House debates

Wednesday, 18 October 2006

Matters of Public Importance

Rural Policy

3:40 pm

Photo of Sussan LeySussan Ley (Farrer, Liberal Party, Parliamentary Secretary to the Minister for Agriculture, Fisheries and Forestry) Share this | Hansard source

Thank you to the member for New England for proposing this very important matter of public importance for discussion here in the House today. Today’s MPI deals with effective rural policy now and into the future. I do not propose to be political. The member for New England has talked about what sickens farmers in these difficult times, and I think one of the things that really does sicken farmers is when opposing parties, relatively comfortable here in Canberra—we have close connections with our rural electorates but personally we are quite comfortably off—start attacking each other across this chamber or in our state legislatures. So I do not propose to do that today. I think it is important that we as a team, if I can say that, of rural and regional members highlight what this drought is doing to the people that we represent, the people that we care about.

So let me just paint a quick picture of the scene we are dealing with at the moment. This will very much be focused on my main area as the member for Farrer in southern New South Wales, an area that starts at the top of Mount Kosciuszko, runs along the Murray River and finishes at the South Australian border. The Snowy Mountains scheme—some 17 dams in the high country there, connected intricately with the Murray-Darling system—and water storages across the region are coping or trying to come to terms with a state of affairs that I do not believe the people who designed and built them ever envisaged. The country in my area looks like it does in the middle of January, and that is a pretty depressing sight. There are no or low water allocations to general security users on the Murray—that is, people who do not have a guaranteed allocation of water are facing zero allocation.

What really annoys me when I travel—as we all do, to events in cities or bigger regional centres—is when somebody says to me, as they invariably do: ‘Well, there you are.
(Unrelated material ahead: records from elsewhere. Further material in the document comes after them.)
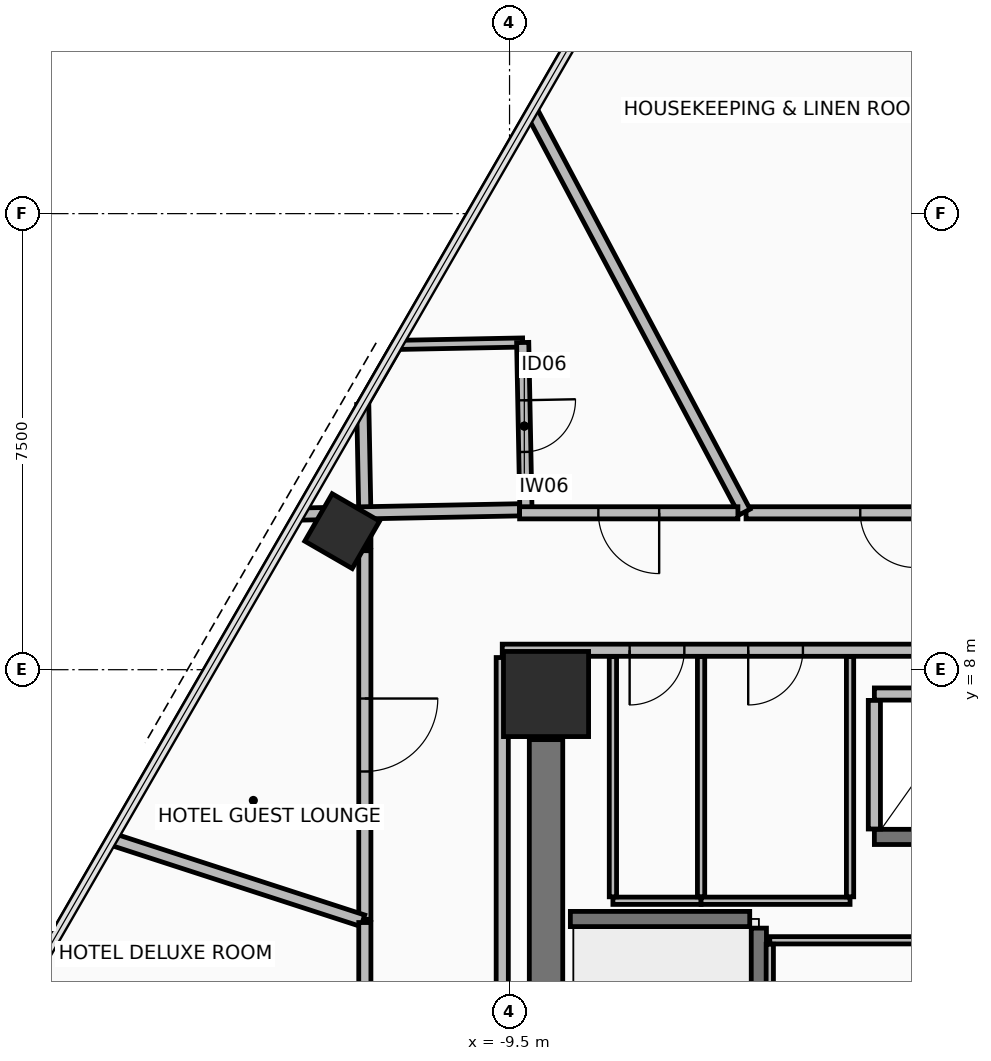
"""IFC4 building model, lengths in metres.
Left out: names, types, materials, properties, quantities, classifications, styles, units other than length and angle.
Written with IfcOpenShell. Run it as: python <this file> out.ifc"""

import sys

from ifc_helpers import new_model, si_unit, direction, frame, frame_2d, origin, origin_2d, place, context, subcontext, project, spatial, rectangle, hollow_rectangle, extrude, element, fill, save


model = new_model("IFC4")
c1 = context("Model", 3, precision=1e-05, world=origin(), true_north=direction((0.0, 1.0)))
c2 = subcontext(c1, "Body", "Model", "MODEL_VIEW")
j1 = project(units=[si_unit("LENGTHUNIT", "METRE"), si_unit("PLANEANGLEUNIT", "RADIAN")], contexts=[c1])
p1 = place(None, origin())
s1 = spatial("IfcSite", under=j1, at=p1, CompositionType="ELEMENT")
p2 = place(p1, origin())
s2 = spatial("IfcBuilding", under=s1, at=p2, CompositionType="ELEMENT")
p3 = place(p2, frame((0.0, 0.0, 38.65)))
s3 = spatial("IfcBuildingStorey", under=s2, at=p3, CompositionType="ELEMENT", Elevation=38.65)
p4 = place(p3, frame((-8.9, 7.6, 0.0), z_axis=(0.0, 0.0, 1.0), x_axis=(1.0, 0.0, 0.0)))
e1 = element("IfcColumn", 1, at=p4, inside=s3, PredefinedType="COLUMN", context=c2, shape_type="SweptSolid", body=[
    extrude(rectangle(XDim=1.4, YDim=1.4, at=origin_2d()), origin(), (0.0, 0.0, 1.0), 3.4),
])
p5 = place(p3, frame((-12.252, 10.279, 0.0), z_axis=(0.0, 0.0, 1.0), x_axis=(0.500001511499, 0.866024531118, 0.0)))
e2 = element("IfcColumn", 2, at=p5, inside=s3, PredefinedType="COLUMN", context=c2, shape_type="SweptSolid", body=[
    extrude(hollow_rectangle(XDim=0.9, YDim=0.9, WallThickness=0.05, at=origin_2d()), origin(), (0.0, 0.0, 1.0), 3.4),
])
p6 = place(p3, frame((-8.9, -3.85, 0.0), z_axis=(0.0, 0.0, 1.0), x_axis=(0.0, 1.0, 0.0)))
e3 = element("IfcWall", 3, at=p6, inside=s3, PredefinedType="SHEAR", context=c2, shape_type="SweptSolid", body=[
    extrude(rectangle(XDim=10.7, YDim=0.55, at=frame_2d((5.35, 0.0))), origin(), (0.0, 0.0, 1.0), 3.225),
])
p7 = place(p3, frame((9.62, 8.32, 0.0), z_axis=(0.0, 0.0, 1.0), x_axis=(-1.0, 0.0, 0.0)))
e4 = element("IfcWall", 4, at=p7, inside=s3, PredefinedType="PARTITIONING", context=c2, shape_type="SweptSolid", body=[
    extrude(rectangle(XDim=19.24, YDim=0.2, at=frame_2d((9.62, 0.0))), origin(), (0.0, 0.0, 1.0), 2.57),
])
p8 = place(p7, frame((16.245, 0.0, 0.0)))
e5 = element("IfcOpeningElement", 5, at=p8, cuts=e4, PredefinedType="OPENING", context=c2, shape_type="SweptSolid", body=[
    extrude(rectangle(XDim=0.9, YDim=2.1, at=frame_2d((0.45, 1.05))), frame((0.0, 0.11, 0.0), z_axis=(0.0, -1.0, 0.0), x_axis=(1.0, 0.0, 0.0)), (0.0, 0.0, 1.0), 0.22),
])
p9 = place(p7, frame((14.295, 0.0, 0.0)))
e6 = element("IfcOpeningElement", 6, at=p9, cuts=e4, PredefinedType="OPENING", context=c2, shape_type="SweptSolid", body=[
    extrude(rectangle(XDim=0.9, YDim=2.1, at=frame_2d((0.45, 1.05))), frame((0.0, 0.11, 0.0), z_axis=(0.0, -1.0, 0.0), x_axis=(1.0, 0.0, 0.0)), (0.0, 0.0, 1.0), 0.22),
])
p10 = place(p3, frame((-9.62, 8.2, 0.0), z_axis=(0.0, 0.0, 1.0), x_axis=(0.0, -1.0, 0.0)))
e7 = element("IfcWall", 7, at=p10, inside=s3, PredefinedType="PARTITIONING", context=c2, shape_type="SweptSolid", body=[
    extrude(rectangle(XDim=16.4, YDim=0.2, at=frame_2d((8.2, 0.0))), origin(), (0.0, 0.0, 1.0), 2.62),
])
p11 = place(p10, frame((12.65, 0.0, 0.0)))
e8 = element("IfcOpeningElement", 8, at=p11, cuts=e7, PredefinedType="OPENING", context=c2, shape_type="SweptSolid", body=[
    extrude(rectangle(XDim=1.1, YDim=2.15, at=frame_2d((0.55, 1.075))), frame((0.0, 0.11, 0.0), z_axis=(0.0, -1.0, 0.0), x_axis=(1.0, 0.0, 0.0)), (0.0, 0.0, 1.0), 0.22),
])
p12 = place(p3, frame((-5.4, -3.55, 0.0), z_axis=(0.0, 0.0, 1.0), x_axis=(0.0, 1.0, 0.0)))
e9 = element("IfcWall", 9, at=p12, inside=s3, PredefinedType="SHEAR", context=c2, shape_type="SweptSolid", body=[
    extrude(rectangle(XDim=7.3, YDim=0.25, at=frame_2d((3.65, 0.0))), origin(), (0.0, 0.0, 1.0), 3.225),
])
p13 = place(p3, frame((-8.5, 3.9, 0.0), z_axis=(0.0, 0.0, 1.0), x_axis=(1.0, 0.0, 0.0)))
e10 = element("IfcWall", 10, at=p13, inside=s3, PredefinedType="SHEAR", context=c2, shape_type="SweptSolid", body=[
    extrude(rectangle(XDim=2.95, YDim=0.25, at=frame_2d((1.475, 0.0))), origin(), (0.0, 0.0, 1.0), 3.225),
])
p14 = place(p3, frame((-3.5, 5.25, 0.0), z_axis=(0.0, 0.0, 1.0), x_axis=(1.0, 0.0, 0.0)))
e11 = element("IfcWall", 11, at=p14, inside=s3, PredefinedType="SHEAR", context=c2, shape_type="SweptSolid", body=[
    extrude(rectangle(XDim=1.712, YDim=0.25, at=frame_2d((0.856, 0.0))), origin(), (0.0, 0.0, 1.0), 3.225),
])
p15 = place(p3, frame((-3.5, 7.6, 0.0), z_axis=(0.0, 0.0, 1.0), x_axis=(1.0, 0.0, 0.0)))
e12 = element("IfcWall", 12, at=p15, inside=s3, PredefinedType="PARTITIONING", context=c2, shape_type="SweptSolid", body=[
    extrude(rectangle(XDim=0.7, YDim=0.2, at=frame_2d((0.35, 0.0))), origin(), (0.0, 0.0, 1.0), 2.42),
])
p16 = place(p3, frame((-3.5, 5.38, 0.0), z_axis=(0.0, 0.0, 1.0), x_axis=(0.0, 1.0, 0.0)))
e13 = element("IfcWall", 13, at=p16, inside=s3, PredefinedType="PARTITIONING", context=c2, shape_type="SweptSolid", body=[
    extrude(rectangle(XDim=2.115, YDim=0.2, at=frame_2d((1.058, 0.0))), origin(), (0.0, 0.0, 1.0), 2.42),
])
p17 = place(p3, frame((-1.815, 3.55, 0.0), z_axis=(0.0, 0.0, 1.0), x_axis=(-1.0, 0.0, 0.0)))
e14 = element("IfcWall", 14, at=p17, inside=s3, PredefinedType="PARTITIONING", context=c2, shape_type="SweptSolid", body=[
    extrude(rectangle(XDim=3.405, YDim=0.12, at=frame_2d((1.703, 0.0))), origin(), (0.0, 0.0, 1.0), 3.225),
])
p18 = place(p3, frame((-5.22, 3.485, 0.0), z_axis=(0.0, 0.0, 1.0), x_axis=(0.0, -1.0, 0.0)))
e15 = element("IfcWall", 15, at=p18, inside=s3, PredefinedType="PARTITIONING", context=c2, shape_type="SweptSolid", body=[
    extrude(rectangle(XDim=1.14, YDim=0.12, at=frame_2d((0.57, 0.0))), origin(), (0.0, 0.0, 1.0), 3.225),
])
p19 = place(p3, frame((-7.8, 4.2, 0.0), z_axis=(0.0, 0.0, 1.0), x_axis=(1.0, 0.0, 0.0)))
e16 = element("IfcWall", 16, at=p19, inside=s3, PredefinedType="PARTITIONING", context=c2, shape_type="SweptSolid", body=[
    extrude(rectangle(XDim=1.45, YDim=0.12, at=frame_2d((0.725, 0.0))), origin(), (0.0, 0.0, 1.0), 3.225),
])
for number, where, z_axis, x_axis in (
    (17, (-6.35, 4.265, 0.0), (0.0, 0.0, 1.0), (0.0, 1.0, 0.0)),
    (18, (-7.8, 8.215, 0.0), (0.0, 0.0, 1.0), (0.0, -1.0, 0.0)),
):
    element("IfcWall", number, at=place(p3, frame(where, z_axis=z_axis, x_axis=x_axis)), inside=s3, PredefinedType="PARTITIONING", context=c2, shape_type="SweptSolid", body=[
        extrude(rectangle(XDim=3.95, YDim=0.12, at=frame_2d((1.975, 0.0))), origin(), (0.0, 0.0, 1.0), 2.42),
    ])
p20 = place(p3, frame((-6.35, 4.2, 0.0), z_axis=(0.0, 0.0, 1.0), x_axis=(1.0, 0.0, 0.0)))
e19 = element("IfcWall", 19, at=p20, inside=s3, PredefinedType="PARTITIONING", context=c2, shape_type="SweptSolid", body=[
    extrude(rectangle(XDim=2.45, YDim=0.12, at=frame_2d((1.225, 0.0))), origin(), (0.0, 0.0, 1.0), 3.225),
])
p21 = place(p3, frame((-3.9, 4.265, 0.0), z_axis=(0.0, 0.0, 1.0), x_axis=(0.0, 1.0, 0.0)))
e20 = element("IfcWall", 20, at=p21, inside=s3, PredefinedType="PARTITIONING", context=c2, shape_type="SweptSolid", body=[
    extrude(rectangle(XDim=3.95, YDim=0.12, at=frame_2d((1.975, 0.0))), origin(), (0.0, 0.0, 1.0), 2.42),
])
p22 = place(p3, frame((-11.88, 10.58, 0.0), z_axis=(0.0, 0.0, 1.0), x_axis=(-0.019437728898, 0.9998110695, 0.0)))
e21 = element("IfcWall", 21, at=p22, inside=s3, PredefinedType="PARTITIONING", context=c2, shape_type="SweptSolid", body=[
    extrude(rectangle(XDim=1.783, YDim=0.2, at=frame_2d((0.892, 0.0))), origin(), (0.0, 0.0, 1.0), 2.42),
])
p23 = place(p3, frame((-11.915, 12.363, 0.0), z_axis=(0.0, 0.0, 1.0), x_axis=(0.499884734746, 0.866091941983, 0.0)))
e22 = element("IfcWall", 22, at=p23, inside=s3, PredefinedType="PARTITIONING", context=c2, shape_type="SweptSolid", body=[
    extrude(rectangle(XDim=1.129, YDim=0.15, at=frame_2d((0.564, 0.0))), origin(), (0.0, 0.0, 1.0), 3.225),
])
p24 = place(p3, frame((-11.35, 13.341, 0.0), z_axis=(0.0, 0.0, 1.0), x_axis=(0.99981237896, 0.019370257549, 0.0)))
e23 = element("IfcWall", 23, at=p24, inside=s3, PredefinedType="PARTITIONING", context=c2, shape_type="SweptSolid", body=[
    extrude(rectangle(XDim=2.067, YDim=0.15, at=frame_2d((1.034, 0.0))), origin(), (0.0, 0.0, 1.0), 2.42),
])
p25 = place(p3, frame((-9.284, 13.381, 0.0), z_axis=(0.0, 0.0, 1.0), x_axis=(0.019353504647, -0.999812703389, 0.0)))
e24 = element("IfcWall", 24, at=p25, inside=s3, PredefinedType="PARTITIONING", context=c2, shape_type="SweptSolid", body=[
    extrude(rectangle(XDim=2.75, YDim=0.2, at=frame_2d((1.375, 0.0))), origin(), (0.0, 0.0, 1.0), 3.225),
])
p26 = place(p25, frame((0.95, 0.0, 0.0)))
e25 = element("IfcOpeningElement", 25, at=p26, cuts=e24, PredefinedType="OPENING", context=c2, shape_type="SweptSolid", body=[
    extrude(rectangle(XDim=0.85, YDim=2.1, at=frame_2d((0.425, 1.05))), frame((0.0, 0.11, 0.0), z_axis=(0.0, -1.0, 0.0), x_axis=(1.0, 0.0, 0.0)), (0.0, 0.0, 1.0), 0.22),
])
p27 = place(p3, frame((-9.335, 10.629, 0.0), z_axis=(0.0, 0.0, 1.0), x_axis=(-0.999811508702, -0.019415124705, 0.0)))
e26 = element("IfcWall", 26, at=p27, inside=s3, PredefinedType="PARTITIONING", context=c2, shape_type="SweptSolid", body=[
    extrude(rectangle(XDim=3.622, YDim=0.2, at=frame_2d((1.811, 0.0))), origin(), (0.0, 0.0, 1.0), 2.42),
])
p28 = place(p3, frame((-0.953, 10.58, 0.0), z_axis=(0.0, 0.0, 1.0), x_axis=(-1.0, 0.0, 0.0)))
e27 = element("IfcWall", 27, at=p28, inside=s3, PredefinedType="PARTITIONING", context=c2, shape_type="SweptSolid", body=[
    extrude(rectangle(XDim=4.658, YDim=0.2, at=frame_2d((2.329, 0.0))), origin(), (0.0, 0.0, 1.0), 3.225),
])
p29 = place(p28, frame((1.879, 0.0, 0.0)))
e28 = element("IfcOpeningElement", 28, at=p29, cuts=e27, PredefinedType="OPENING", context=c2, shape_type="SweptSolid", body=[
    extrude(rectangle(XDim=0.9, YDim=2.1, at=frame_2d((0.45, 1.05))), frame((0.0, 0.11, 0.0), z_axis=(0.0, -1.0, 0.0), x_axis=(1.0, 0.0, 0.0)), (0.0, 0.0, 1.0), 0.22),
])
p30 = place(p3, frame((-5.633, 10.593, 0.0), z_axis=(0.0, 0.0, 1.0), x_axis=(-0.469464495308, 0.882951350668, 0.0)))
e29 = element("IfcWall", 29, at=p30, inside=s3, PredefinedType="PARTITIONING", context=c2, shape_type="SweptSolid", body=[
    extrude(rectangle(XDim=7.445, YDim=0.2, at=frame_2d((3.722, 0.0))), origin(), (0.0, 0.0, 1.0), 2.42),
])
p31 = place(p3, frame((-11.88, 10.475, 0.0), z_axis=(0.0, 0.0, 1.0), x_axis=(0.0, -1.0, 0.0)))
e30 = element("IfcWall", 30, at=p31, inside=s3, PredefinedType="PARTITIONING", context=c2, shape_type="SweptSolid", body=[
    extrude(rectangle(XDim=0.453, YDim=0.2, at=frame_2d((0.226, 0.0))), origin(), (0.0, 0.0, 1.0), 2.42),
])
p32 = place(p3, frame((-11.985, 10.057, 0.0), z_axis=(0.0, 0.0, 1.0), x_axis=(-0.76613026962, 0.642685311776, 0.0)))
e31 = element("IfcWall", 31, at=p32, inside=s3, PredefinedType="PARTITIONING", context=c2, shape_type="SweptSolid", body=[
    extrude(rectangle(XDim=0.633, YDim=0.2, at=frame_2d((0.316, 0.0))), origin(), (0.0, 0.0, 1.0), 2.42),
])
p33 = place(p3, frame((-5.744, 10.58, 0.0), z_axis=(0.0, 0.0, 1.0), x_axis=(-1.0, 0.0, 0.0)))
e32 = element("IfcWall", 32, at=p33, inside=s3, PredefinedType="PARTITIONING", context=c2, shape_type="SweptSolid", body=[
    extrude(rectangle(XDim=3.59, YDim=0.2, at=frame_2d((1.795, 0.0))), origin(), (0.0, 0.0, 1.0), 2.62),
])
p34 = place(p33, frame((1.295, 0.0, 0.0)))
e33 = element("IfcOpeningElement", 33, at=p34, cuts=e32, PredefinedType="OPENING", context=c2, shape_type="SweptSolid", body=[
    extrude(rectangle(XDim=1.0, YDim=2.15, at=frame_2d((0.5, 1.075))), frame((0.0, 0.11, 0.0), z_axis=(0.0, -1.0, 0.0), x_axis=(1.0, 0.0, 0.0)), (0.0, 0.0, 1.0), 0.22),
])
p35 = place(p3, frame((-11.88, 9.957, 0.0), z_axis=(0.0, 0.0, 1.0), x_axis=(0.0, -1.0, 0.0)))
e34 = element("IfcWall", 34, at=p35, inside=s3, PredefinedType="PARTITIONING", context=c2, shape_type="SweptSolid", body=[
    extrude(rectangle(XDim=6.062, YDim=0.2, at=frame_2d((3.031, 0.0))), origin(), (0.0, 0.0, 1.0), 2.62),
])
p36 = place(p35, frame((2.431, 0.0, 0.0)))
e35 = element("IfcOpeningElement", 35, at=p36, cuts=e34, PredefinedType="OPENING", context=c2, shape_type="SweptSolid", body=[
    extrude(rectangle(XDim=1.2, YDim=2.15, at=frame_2d((0.6, 1.075))), frame((0.0, 0.11, 0.0), z_axis=(0.0, -1.0, 0.0), x_axis=(1.0, 0.0, 0.0)), (0.0, 0.0, 1.0), 0.22),
])
p37 = place(p3, frame((-11.913, 3.871, 0.0), z_axis=(0.0, 0.0, 1.0), x_axis=(-0.951056374556, 0.309017430603, 0.0)))
e36 = element("IfcWall", 36, at=p37, inside=s3, PredefinedType="PARTITIONING", context=c2, shape_type="SweptSolid", body=[
    extrude(rectangle(XDim=4.343, YDim=0.2, at=frame_2d((2.171, 0.0))), origin(), (0.0, 0.0, 1.0), 2.42),
])
p38 = place(p3, frame((-11.88, 3.842, 0.0), z_axis=(0.0, 0.0, 1.0), x_axis=(0.0, -1.0, 0.0)))
e37 = element("IfcWall", 37, at=p38, inside=s3, PredefinedType="PARTITIONING", context=c2, shape_type="SweptSolid", body=[
    extrude(rectangle(XDim=4.858, YDim=0.2, at=frame_2d((2.429, 0.0))), origin(), (0.0, 0.0, 1.0), 3.225),
])
p39 = place(p38, frame((1.649, 0.0, 0.0)))
e38 = element("IfcOpeningElement", 38, at=p39, cuts=e37, PredefinedType="OPENING", context=c2, shape_type="SweptSolid", body=[
    extrude(rectangle(XDim=1.0, YDim=2.15, at=frame_2d((0.5, 1.075))), frame((0.0, 0.11, 0.0), z_axis=(0.0, -1.0, 0.0), x_axis=(1.0, 0.0, 0.0)), (0.0, 0.0, 1.0), 0.22),
])
p40 = place(p8, frame((0.9, 0.0, 0.0), z_axis=(0.0, 0.0, 1.0), x_axis=(-1.0, 0.0, 0.0)))
e39 = element("IfcDoor", 39, at=p40, inside=s3, OperationType="SINGLE_SWING_LEFT", PredefinedType="DOOR", context=c2, shape_type="SweptSolid", body=[
    extrude(rectangle(XDim=0.9, YDim=2.1, at=frame_2d((0.45, 1.05))), frame((0.0, 0.025, 0.0), z_axis=(0.0, -1.0, 0.0), x_axis=(1.0, 0.0, 0.0)), (0.0, 0.0, 1.0), 0.05),
])
fill(e5, e39)
p41 = place(p9, frame((0.9, 0.0, 0.0), z_axis=(0.0, 0.0, 1.0), x_axis=(-1.0, 0.0, 0.0)))
e40 = element("IfcDoor", 40, at=p41, inside=s3, OperationType="SINGLE_SWING_LEFT", PredefinedType="DOOR", context=c2, shape_type="SweptSolid", body=[
    extrude(rectangle(XDim=0.9, YDim=2.1, at=frame_2d((0.45, 1.05))), frame((0.0, 0.025, 0.0), z_axis=(0.0, -1.0, 0.0), x_axis=(1.0, 0.0, 0.0)), (0.0, 0.0, 1.0), 0.05),
])
fill(e6, e40)
p42 = place(p26, origin())
e41 = element("IfcDoor", 41, at=p42, inside=s3, OperationType="SINGLE_SWING_RIGHT", PredefinedType="DOOR", context=c2, shape_type="SweptSolid", body=[
    extrude(rectangle(XDim=0.85, YDim=2.1, at=frame_2d((0.425, 1.05))), frame((0.0, 0.025, 0.0), z_axis=(0.0, -1.0, 0.0), x_axis=(1.0, 0.0, 0.0)), (0.0, 0.0, 1.0), 0.05),
])
fill(e25, e41)
p43 = place(p29, origin())
e42 = element("IfcDoor", 42, at=p43, inside=s3, OperationType="SINGLE_SWING_LEFT", PredefinedType="DOOR", context=c2, shape_type="SweptSolid", body=[
    extrude(rectangle(XDim=0.9, YDim=2.1, at=frame_2d((0.45, 1.05))), frame((0.0, 0.025, 0.0), z_axis=(0.0, -1.0, 0.0), x_axis=(1.0, 0.0, 0.0)), (0.0, 0.0, 1.0), 0.05),
])
fill(e28, e42)
p44 = place(p34, origin())
e43 = element("IfcDoor", 43, at=p44, inside=s3, OperationType="SINGLE_SWING_LEFT", PredefinedType="DOOR", context=c2, shape_type="SweptSolid", body=[
    extrude(rectangle(XDim=1.0, YDim=2.15, at=frame_2d((0.5, 1.075))), frame((0.0, 0.025, 0.0), z_axis=(0.0, -1.0, 0.0), x_axis=(1.0, 0.0, 0.0)), (0.0, 0.0, 1.0), 0.05),
])
fill(e33, e43)
p45 = place(p36, origin())
e44 = element("IfcDoor", 44, at=p45, inside=s3, OperationType="SINGLE_SWING_LEFT", PredefinedType="DOOR", context=c2, shape_type="SweptSolid", body=[
    extrude(rectangle(XDim=1.2, YDim=2.15, at=frame_2d((0.6, 1.075))), frame((0.0, 0.025, 0.0), z_axis=(0.0, -1.0, 0.0), x_axis=(1.0, 0.0, 0.0)), (0.0, 0.0, 1.0), 0.05),
])
fill(e35, e44)
save(model, sys.argv[1])

You’re growing cotton and rice where you have no business to be growing it in this record drought.’ The point I make here—and I never get tired of making it—is that we are growing precious little cotton and almost no rice in the Murray-Darling system, because the water allocation for those irrigators is zero. General security water allocation is zero.

For the first time ever, high security users have had their water allocation cut back too. If you thought you had 100 per cent of whatever amount of megalitres your allocation was, you were told within the last week by the New South Wales Department of Natural Resources that it has been cut back to 80 per cent. If you had planned carefully and you had some carryover water from last year, if you have used it all, great, but, if not, you have had that cut back to 80 per cent. So you have lost 20 per cent of your water allocation. That has never happened before that I am aware of.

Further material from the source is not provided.